Biophysical Society Thematic Meeting | Hamburg 2022
Biophysics at the Dawn of Exascale Computers
Poster Abstracts
57-POS Board 57 CALCULATING RELATIVE PROTEIN-LIGAND BINDING AFFINITIES WITH THE ACCELERATED WEIGHT HISTOGRAM METHOD - A BENCHMARK STUDY Sebastian Wingbermühle 1 ; Erik Lindahl 1 ; 1 KTH Royal Institute of Technology, Science for Life Laboratory, Stockholm, Sweden To identify a lead compound, hundreds of thousands of drug candidates are synthesized and tested in high-throughput screening assays. The corresponding time and resources could be saved if a computational workflow combining docking and atomistic molecular dynamics (MD) simulations scanned the initial compound library and recommended a set of tens of potential lead compounds to be actually synthesized. To this end, the drug candidates scoring best in the docking step are ranked according to their relative binding free energies estimated in MD simulations. In the context of the EU project LIGATE, the following approach to calculate relative binding free energies is applied here: For each pair of ligands, an alchemical path converting them into each other is defined and parameterized in λ. The Accelerated Weight Histogram method (AWH) frequently updates the value of λ during the MD simulation and adapts a bias potential on the fly such that each value of λ is sampled according to a target distribution.
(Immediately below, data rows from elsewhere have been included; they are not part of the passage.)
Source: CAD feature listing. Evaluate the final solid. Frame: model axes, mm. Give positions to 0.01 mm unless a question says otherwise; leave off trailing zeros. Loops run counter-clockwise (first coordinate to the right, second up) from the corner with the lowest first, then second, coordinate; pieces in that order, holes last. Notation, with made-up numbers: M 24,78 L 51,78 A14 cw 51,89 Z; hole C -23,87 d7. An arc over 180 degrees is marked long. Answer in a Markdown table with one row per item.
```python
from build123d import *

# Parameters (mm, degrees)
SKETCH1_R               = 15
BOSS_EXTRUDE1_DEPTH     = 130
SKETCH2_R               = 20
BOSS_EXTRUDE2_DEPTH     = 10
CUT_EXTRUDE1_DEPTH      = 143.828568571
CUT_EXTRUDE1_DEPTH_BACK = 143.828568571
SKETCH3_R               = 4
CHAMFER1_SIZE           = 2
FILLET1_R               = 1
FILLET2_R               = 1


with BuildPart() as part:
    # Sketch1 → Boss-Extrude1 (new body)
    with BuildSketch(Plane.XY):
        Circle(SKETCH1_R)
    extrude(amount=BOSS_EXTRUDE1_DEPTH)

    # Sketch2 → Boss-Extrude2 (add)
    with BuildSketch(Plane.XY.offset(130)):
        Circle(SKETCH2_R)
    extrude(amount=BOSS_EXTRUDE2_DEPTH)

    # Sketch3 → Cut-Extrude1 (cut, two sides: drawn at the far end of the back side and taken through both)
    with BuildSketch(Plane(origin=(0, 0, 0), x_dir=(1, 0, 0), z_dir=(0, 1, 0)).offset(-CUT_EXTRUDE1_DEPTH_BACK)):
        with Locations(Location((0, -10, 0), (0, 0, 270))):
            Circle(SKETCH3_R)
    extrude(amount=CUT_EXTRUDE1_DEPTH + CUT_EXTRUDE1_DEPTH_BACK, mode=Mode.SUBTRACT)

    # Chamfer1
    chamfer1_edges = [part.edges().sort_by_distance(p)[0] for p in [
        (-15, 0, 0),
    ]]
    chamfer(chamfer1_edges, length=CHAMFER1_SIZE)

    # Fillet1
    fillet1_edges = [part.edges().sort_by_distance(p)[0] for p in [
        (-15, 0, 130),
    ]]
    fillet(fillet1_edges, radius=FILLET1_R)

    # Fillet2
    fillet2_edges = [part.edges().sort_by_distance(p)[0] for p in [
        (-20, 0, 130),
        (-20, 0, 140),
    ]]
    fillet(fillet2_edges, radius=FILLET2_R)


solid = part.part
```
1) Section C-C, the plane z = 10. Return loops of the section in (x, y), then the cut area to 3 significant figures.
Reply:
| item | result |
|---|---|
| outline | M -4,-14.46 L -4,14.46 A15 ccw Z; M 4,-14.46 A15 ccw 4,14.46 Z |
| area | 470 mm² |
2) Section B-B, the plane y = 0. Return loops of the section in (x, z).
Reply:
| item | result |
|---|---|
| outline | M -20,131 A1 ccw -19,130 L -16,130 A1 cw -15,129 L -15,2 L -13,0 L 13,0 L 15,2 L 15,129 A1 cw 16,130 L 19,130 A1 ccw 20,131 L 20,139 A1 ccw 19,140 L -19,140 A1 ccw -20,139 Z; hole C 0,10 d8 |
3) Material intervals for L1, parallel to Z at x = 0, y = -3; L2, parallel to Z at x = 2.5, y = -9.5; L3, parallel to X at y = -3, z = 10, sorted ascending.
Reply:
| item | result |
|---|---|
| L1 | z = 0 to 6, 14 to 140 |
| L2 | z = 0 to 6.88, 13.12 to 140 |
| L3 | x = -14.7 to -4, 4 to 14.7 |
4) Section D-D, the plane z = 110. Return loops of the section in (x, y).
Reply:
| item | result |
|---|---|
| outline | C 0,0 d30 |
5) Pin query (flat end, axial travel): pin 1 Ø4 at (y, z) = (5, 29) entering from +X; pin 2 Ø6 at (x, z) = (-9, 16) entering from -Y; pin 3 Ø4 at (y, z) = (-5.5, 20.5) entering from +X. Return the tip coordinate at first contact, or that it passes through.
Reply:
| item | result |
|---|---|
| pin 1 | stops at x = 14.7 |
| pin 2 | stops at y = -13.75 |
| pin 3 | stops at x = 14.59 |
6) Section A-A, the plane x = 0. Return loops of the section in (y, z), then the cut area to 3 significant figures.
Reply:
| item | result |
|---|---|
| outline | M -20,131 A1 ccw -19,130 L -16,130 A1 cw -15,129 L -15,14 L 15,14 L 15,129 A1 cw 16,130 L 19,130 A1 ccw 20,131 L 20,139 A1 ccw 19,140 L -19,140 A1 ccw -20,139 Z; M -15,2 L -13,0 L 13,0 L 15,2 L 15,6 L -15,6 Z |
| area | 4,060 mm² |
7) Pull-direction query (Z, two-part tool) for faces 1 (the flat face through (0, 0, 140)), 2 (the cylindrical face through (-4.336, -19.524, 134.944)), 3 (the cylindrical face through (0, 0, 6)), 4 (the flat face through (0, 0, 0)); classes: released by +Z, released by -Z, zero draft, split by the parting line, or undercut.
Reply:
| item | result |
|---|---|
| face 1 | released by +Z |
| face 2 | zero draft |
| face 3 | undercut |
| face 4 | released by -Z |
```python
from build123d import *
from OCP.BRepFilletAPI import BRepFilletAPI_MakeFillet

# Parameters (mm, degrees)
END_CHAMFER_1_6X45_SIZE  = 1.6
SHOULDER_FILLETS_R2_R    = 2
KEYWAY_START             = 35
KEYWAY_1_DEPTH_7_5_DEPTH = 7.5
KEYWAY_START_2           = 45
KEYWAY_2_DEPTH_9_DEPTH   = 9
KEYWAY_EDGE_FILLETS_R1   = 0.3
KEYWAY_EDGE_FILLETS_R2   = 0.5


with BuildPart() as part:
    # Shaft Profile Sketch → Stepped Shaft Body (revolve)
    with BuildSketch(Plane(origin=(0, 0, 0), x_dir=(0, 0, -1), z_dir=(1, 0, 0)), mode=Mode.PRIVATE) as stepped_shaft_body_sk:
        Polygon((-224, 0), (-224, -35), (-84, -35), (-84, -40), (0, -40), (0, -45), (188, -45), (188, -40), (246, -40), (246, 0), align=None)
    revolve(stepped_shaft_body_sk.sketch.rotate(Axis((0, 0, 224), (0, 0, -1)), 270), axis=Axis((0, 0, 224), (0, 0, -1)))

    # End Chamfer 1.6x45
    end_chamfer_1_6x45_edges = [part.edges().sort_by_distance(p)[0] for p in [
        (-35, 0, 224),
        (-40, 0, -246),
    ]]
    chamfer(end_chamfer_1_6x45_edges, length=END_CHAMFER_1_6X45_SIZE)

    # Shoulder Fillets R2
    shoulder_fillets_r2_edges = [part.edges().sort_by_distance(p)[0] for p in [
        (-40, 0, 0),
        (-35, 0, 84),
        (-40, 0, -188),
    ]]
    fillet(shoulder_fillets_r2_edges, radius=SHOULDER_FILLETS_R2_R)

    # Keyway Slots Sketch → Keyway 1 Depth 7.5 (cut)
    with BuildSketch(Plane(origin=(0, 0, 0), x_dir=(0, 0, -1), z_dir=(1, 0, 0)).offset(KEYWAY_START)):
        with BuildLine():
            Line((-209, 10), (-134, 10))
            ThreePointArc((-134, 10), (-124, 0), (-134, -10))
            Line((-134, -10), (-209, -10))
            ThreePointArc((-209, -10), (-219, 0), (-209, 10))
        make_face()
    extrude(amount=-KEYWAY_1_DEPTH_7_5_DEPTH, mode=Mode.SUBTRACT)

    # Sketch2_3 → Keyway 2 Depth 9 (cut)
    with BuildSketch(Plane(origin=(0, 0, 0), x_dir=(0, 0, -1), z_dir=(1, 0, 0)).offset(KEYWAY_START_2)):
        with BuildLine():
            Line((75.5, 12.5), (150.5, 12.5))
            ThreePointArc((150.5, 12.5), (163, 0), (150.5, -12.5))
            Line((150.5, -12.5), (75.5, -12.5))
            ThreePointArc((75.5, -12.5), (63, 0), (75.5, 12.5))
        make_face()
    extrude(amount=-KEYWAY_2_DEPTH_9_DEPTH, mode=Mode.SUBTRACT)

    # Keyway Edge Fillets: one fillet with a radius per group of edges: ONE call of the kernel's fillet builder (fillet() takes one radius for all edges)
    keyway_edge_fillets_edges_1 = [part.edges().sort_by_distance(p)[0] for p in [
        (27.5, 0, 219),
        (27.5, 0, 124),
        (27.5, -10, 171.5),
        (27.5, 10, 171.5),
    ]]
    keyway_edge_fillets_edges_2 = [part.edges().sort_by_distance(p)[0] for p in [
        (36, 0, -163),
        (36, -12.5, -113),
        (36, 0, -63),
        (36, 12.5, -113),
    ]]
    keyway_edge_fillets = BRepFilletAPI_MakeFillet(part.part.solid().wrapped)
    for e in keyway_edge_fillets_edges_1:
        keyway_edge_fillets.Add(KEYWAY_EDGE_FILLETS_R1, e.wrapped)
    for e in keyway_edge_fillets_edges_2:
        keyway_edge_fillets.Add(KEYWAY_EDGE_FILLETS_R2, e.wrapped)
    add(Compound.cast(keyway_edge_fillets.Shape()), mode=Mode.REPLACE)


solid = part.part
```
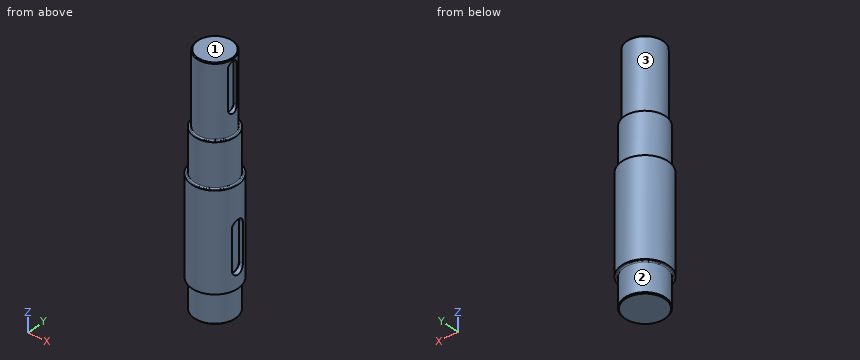
Verification items for the finished model (mm, model axes). Face numbers are marked on the shaded views. A direction names the side the tool comes from. Round coordinates to 2 decimals unless told otherwise and drop trailing zeros. Order: outer loops, then holes, each group sorted by start corner. A loop starts at its lowest first (then second) coordinate and runs counter-clockwise, first axis right, second up. Notation, with made-up numbers: (-25.75, -24) - (17.25, -24) arc R16 ccw to (17.25, -1) - close; hole circle Ø4 at (46, 63.5). An arc over 180 degrees is marked (long way). Use CSV: the item, a comma, the result in double quotes.
(1) Access from +Z, -Z, +X, -X, +Y, -Y to the whole of each face (thin tool, end or side, straight path). Record for the marked faces 1, 2 and 3.
Entries:
face 1,"+Z, +X, -X, +Y, -Y"
face 2,"-Z"
face 3,"+Z"
(2) Section check C-C on z = -174. Record the boundary of the cut face in (x, y).
Entries:
outline,"circle Ø90 at (0, 0)"
(3) Gauge pin test, flat ends, axial feed: pin 1 Ø5 at (x, z) = (-1.5, -194.5) entering from -Y; pin 2 Ø4.5 at (x, z) = (32, 189) entering from -Y; pin 3 Ø12 at (y, z) = (-2, -118.5) entering from +X. Record the tip position at first contact, or that the pin passes through.
Entries:
pin 1,"y = -40"
pin 2,"y = -18.44"
pin 3,"x = 36"
(4) Thickness scan on probe 1 along Z at (x, y) = (31, -12.5); probe 2 along X at (y, z) = (7, 0.5); probe 3 along Z at (x, y) = (39.5, -13). Record the ranges inside material, lowest first. Write a range as from..to.
Entries:
probe 1,"-246..223.97"
probe 2,"-40.07..40.07"
probe 3,"-188.04..0.04"
(5) Section check B-B on z = 94. Record the boundary of the cut face in (x, y), and give its area (3 significant figures).
Entries:
outline,"circle Ø70 at (0, 0)"
area,"3,850 mm^2"
(6) Section check A-A on x = 0. Record the boundary of the cut face in (y, z).
Entries:
outline,"(-45, -188) - (-42, -188) arc R2 cw to (-40, -190) - (-40, -244.4) - (-38.4, -246) - (38.4, -246) - (40, -244.4) - (40, -190) arc R2 cw to (42, -188) - (45, -188) - (45, 0) - (42, 0) arc R2 cw to (40, 2) - (40, 84) - (37, 84) arc R2 cw to (35, 86) - (35, 222.4) - (33.4, 224) - (-33.4, 224) - (-35, 222.4) - (-35, 86) arc R2 cw to (-37, 84) - (-40, 84) - (-40, 2) arc R2 cw to (-42, 0) - (-45, 0) - close"
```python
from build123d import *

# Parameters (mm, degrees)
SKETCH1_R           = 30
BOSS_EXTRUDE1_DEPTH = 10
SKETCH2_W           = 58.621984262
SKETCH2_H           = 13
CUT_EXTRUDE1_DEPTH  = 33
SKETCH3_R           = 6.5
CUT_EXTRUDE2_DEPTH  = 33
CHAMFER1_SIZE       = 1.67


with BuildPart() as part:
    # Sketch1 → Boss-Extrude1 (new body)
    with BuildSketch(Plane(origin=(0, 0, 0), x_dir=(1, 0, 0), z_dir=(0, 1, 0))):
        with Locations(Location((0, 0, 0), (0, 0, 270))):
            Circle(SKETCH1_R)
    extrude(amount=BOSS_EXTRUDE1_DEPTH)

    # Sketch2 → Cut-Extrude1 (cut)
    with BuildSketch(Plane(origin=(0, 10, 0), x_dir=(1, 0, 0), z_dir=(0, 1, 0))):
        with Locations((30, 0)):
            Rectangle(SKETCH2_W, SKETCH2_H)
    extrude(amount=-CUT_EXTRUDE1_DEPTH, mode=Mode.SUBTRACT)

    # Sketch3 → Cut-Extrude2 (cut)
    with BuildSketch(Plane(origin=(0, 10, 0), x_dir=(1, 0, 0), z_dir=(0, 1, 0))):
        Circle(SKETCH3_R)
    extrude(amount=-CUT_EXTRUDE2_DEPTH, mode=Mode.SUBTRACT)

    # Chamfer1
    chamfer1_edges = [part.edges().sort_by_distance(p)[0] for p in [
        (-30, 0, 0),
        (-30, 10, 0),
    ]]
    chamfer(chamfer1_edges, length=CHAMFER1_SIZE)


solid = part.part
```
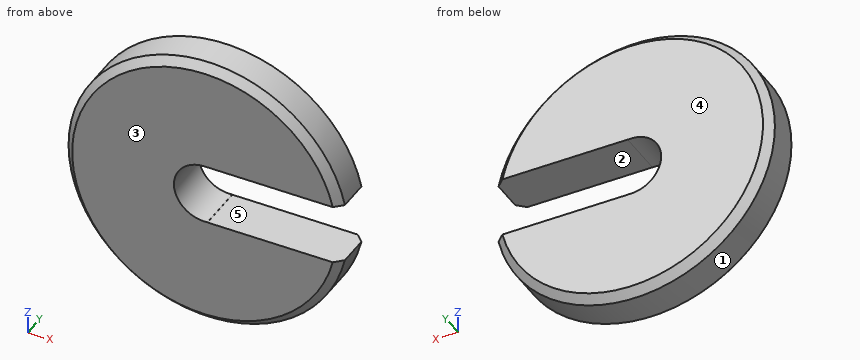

With th e uniform sampling of λ targeted here, the bias potential converges to the free energy profile along λ. This approach is tested on a benchmark set including in total 13 proteins and approximately 500 ligand pairs for which experimental relative binding free energies and previous simulation results (equilibrium free energy perturbation and non- equilibrium thermodynamic integration) are available. As soon as the relative protein-ligand binding affinities obtained with AWH can be proven to be precise and reliable estimates with this benchmark, the AWH simulations run with GROMACS will be combined with docking simulations performed with LiGen to provide a workflow that scales well on modern HPC machines and can handle several thousands of drug candidates.